Chamomile is great for dogs suffering from anxiety or skin/stomach upsets and Marshmallow is known to help animals with delicate stomachs.
Why not try growing some of these in your own garden for your dog to enjoy this spring? For a whole list of suitable plants and their benefits visit here.
Toys, activity tables and games such as a log with treats hidden in it provide mental stimulation and enjoyment and are things you can easily make at home for your pooch to spend hours playing with.
Interactive toys (also called enrichment dog toys) such as a Kong or Buster Cube are available to buy in most pet shops and online. You can fill these toys with treats for your pooch for them to work to get them out, providing mental stimulation and a fun way to get food. It’s easy to make a DIY alternative by popping your dog’s favourite treat into a clear plastic water bottle with some holes cut in the sides for the treats to fall out of. Keep the cap off this homemade toy to make sure your dog is safe from choking.
Often dogs like digging, so if you don’t have a lawn (or do and want to keep it hole free!) then why not build a sand pit for your dog to play and bury his toys in?

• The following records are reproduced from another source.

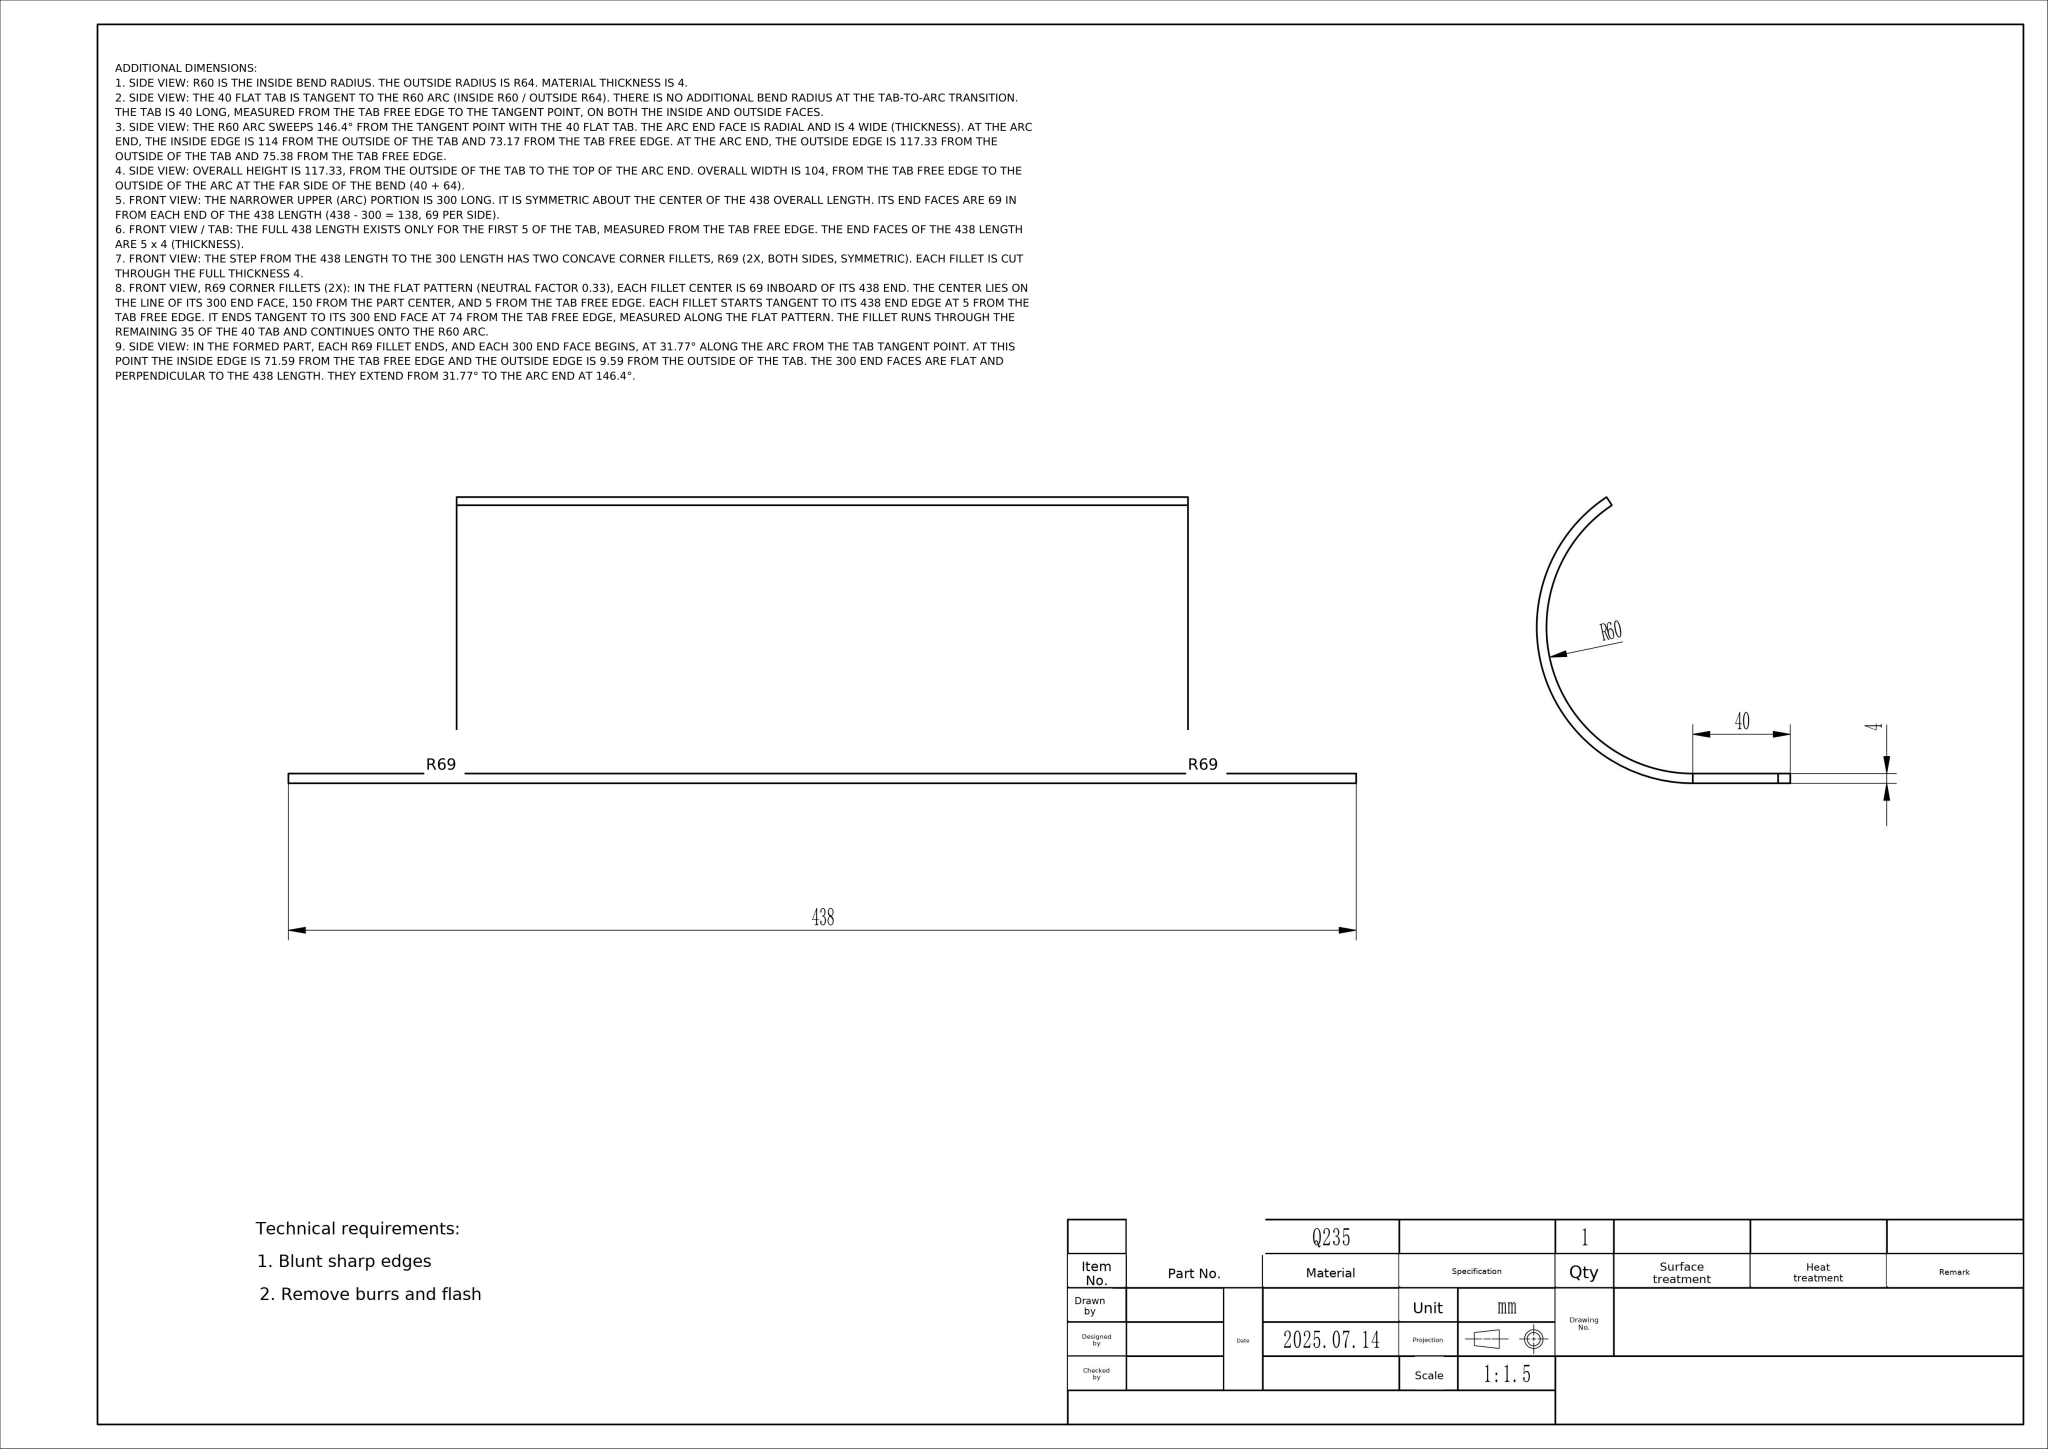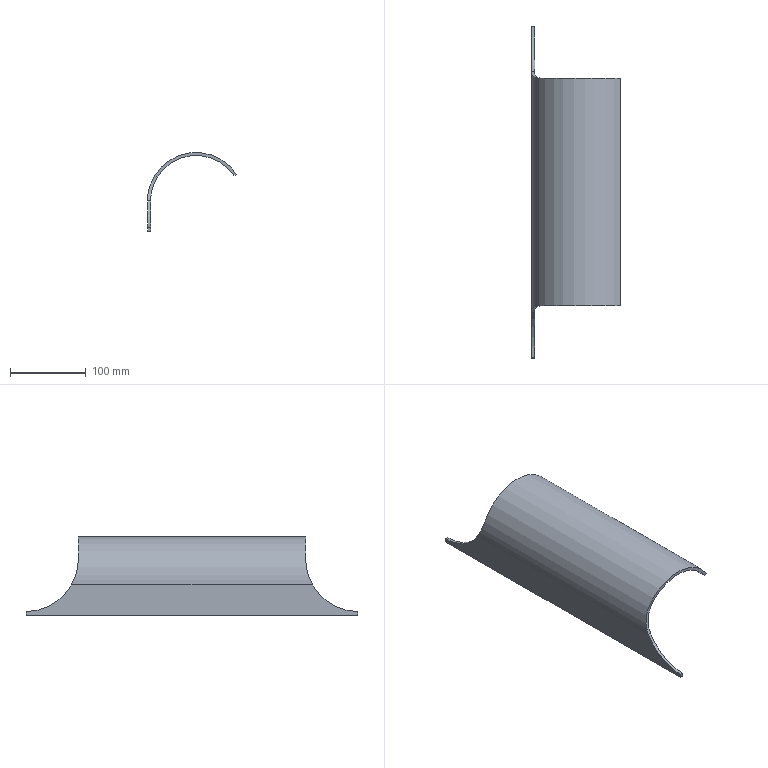Part | NX | mm | 1 solid | 14 faces | box 117.33 x 438 x 104 mm | volume 249102 mm3 | plane 8 | cylinder 4 | spline 2 | commonest cylinder face diameters 138 x2 128 x1 120 x1
STEP:
#1=CARTESIAN_POINT('',(0.,0.,0.));
#2=DIRECTION('',(0.,0.,1.));
#3=DIRECTION('',(1.,0.,0.));
#4=AXIS2_PLACEMENT_3D('',#1,#2,#3);
#5=(LENGTH_UNIT()NAMED_UNIT(*)SI_UNIT(.MILLI.,.METRE.));
#6=UNCERTAINTY_MEASURE_WITH_UNIT(LENGTH_MEASURE(0.0508),#5,'','');
#7=(NAMED_UNIT(*)PLANE_ANGLE_UNIT()SI_UNIT($,.RADIAN.));
#8=PLANE_ANGLE_MEASURE_WITH_UNIT(PLANE_ANGLE_MEASURE(0.01745),#7);
#9=DIMENSIONAL_EXPONENTS(0.,0.,0.,0.,0.,0.,0.);
#10=(CONVERSION_BASED_UNIT('',#8)NAMED_UNIT(#9)PLANE_ANGLE_UNIT());
#11=(NAMED_UNIT(*)SI_UNIT($,.STERADIAN.)SOLID_ANGLE_UNIT());
#12=(GEOMETRIC_REPRESENTATION_CONTEXT(3)GLOBAL_UNCERTAINTY_ASSIGNED_CONTEXT((#6))GLOBAL_UNIT_ASSIGNED_CONTEXT((#5,#10,#11))REPRESENTATION_CONTEXT('',''));
#13=SHAPE_REPRESENTATION('',(#4),#12);
#14=CARTESIAN_POINT('',(-0.,-158.958,40.));
#15=VERTEX_POINT('',#14);
#16=CARTESIAN_POINT('',(0.,-219.,5.));
#17=VERTEX_POINT('',#16);
#18=CARTESIAN_POINT('',(0.,-219.,74.));
#19=DIRECTION('',(-1.,0.,0.));
#20=DIRECTION('',(0.,1.,0.));
#21=AXIS2_PLACEMENT_3D('',#18,#19,#20);
#22=CIRCLE('',#21,69.);
#23=EDGE_CURVE('',#15,#17,#22,.T.);
#24=ORIENTED_EDGE('',*,*,#23,.F.);
#25=CARTESIAN_POINT('',(-4.,-158.958,40.));
#26=VERTEX_POINT('',#25);
#27=CARTESIAN_POINT('',(-4.,-158.958,40.));
#28=DIRECTION('',(-1.,0.,0.));
#29=VECTOR('',#28,1.);
#30=LINE('',#27,#29);
#31=EDGE_CURVE('',#15,#26,#30,.T.);
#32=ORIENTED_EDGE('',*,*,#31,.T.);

A solar-powered fountain for your doggy to drink from and wooden wind chimes provide soothing and relaxing sounds for the dogs to listen to. Non-invasive sounds like these have a calming effect, making the dog feel at ease and reducing stress levels.
An area of astro-turf and a wooden bark trough of water provide different and interesting things for the dogs to sniff, feel and touch and a paddling pool is a great way for your dog to play and cool off in the summer time!
Don’t forget to provide a shaded spot for your dog to cool down in and escape from the sun and offer your pet a good supply of drinking water in a weighted bowl that can’t be knocked over.
We hope you enjoy making your own sensory delight for your dog in your garden this summer!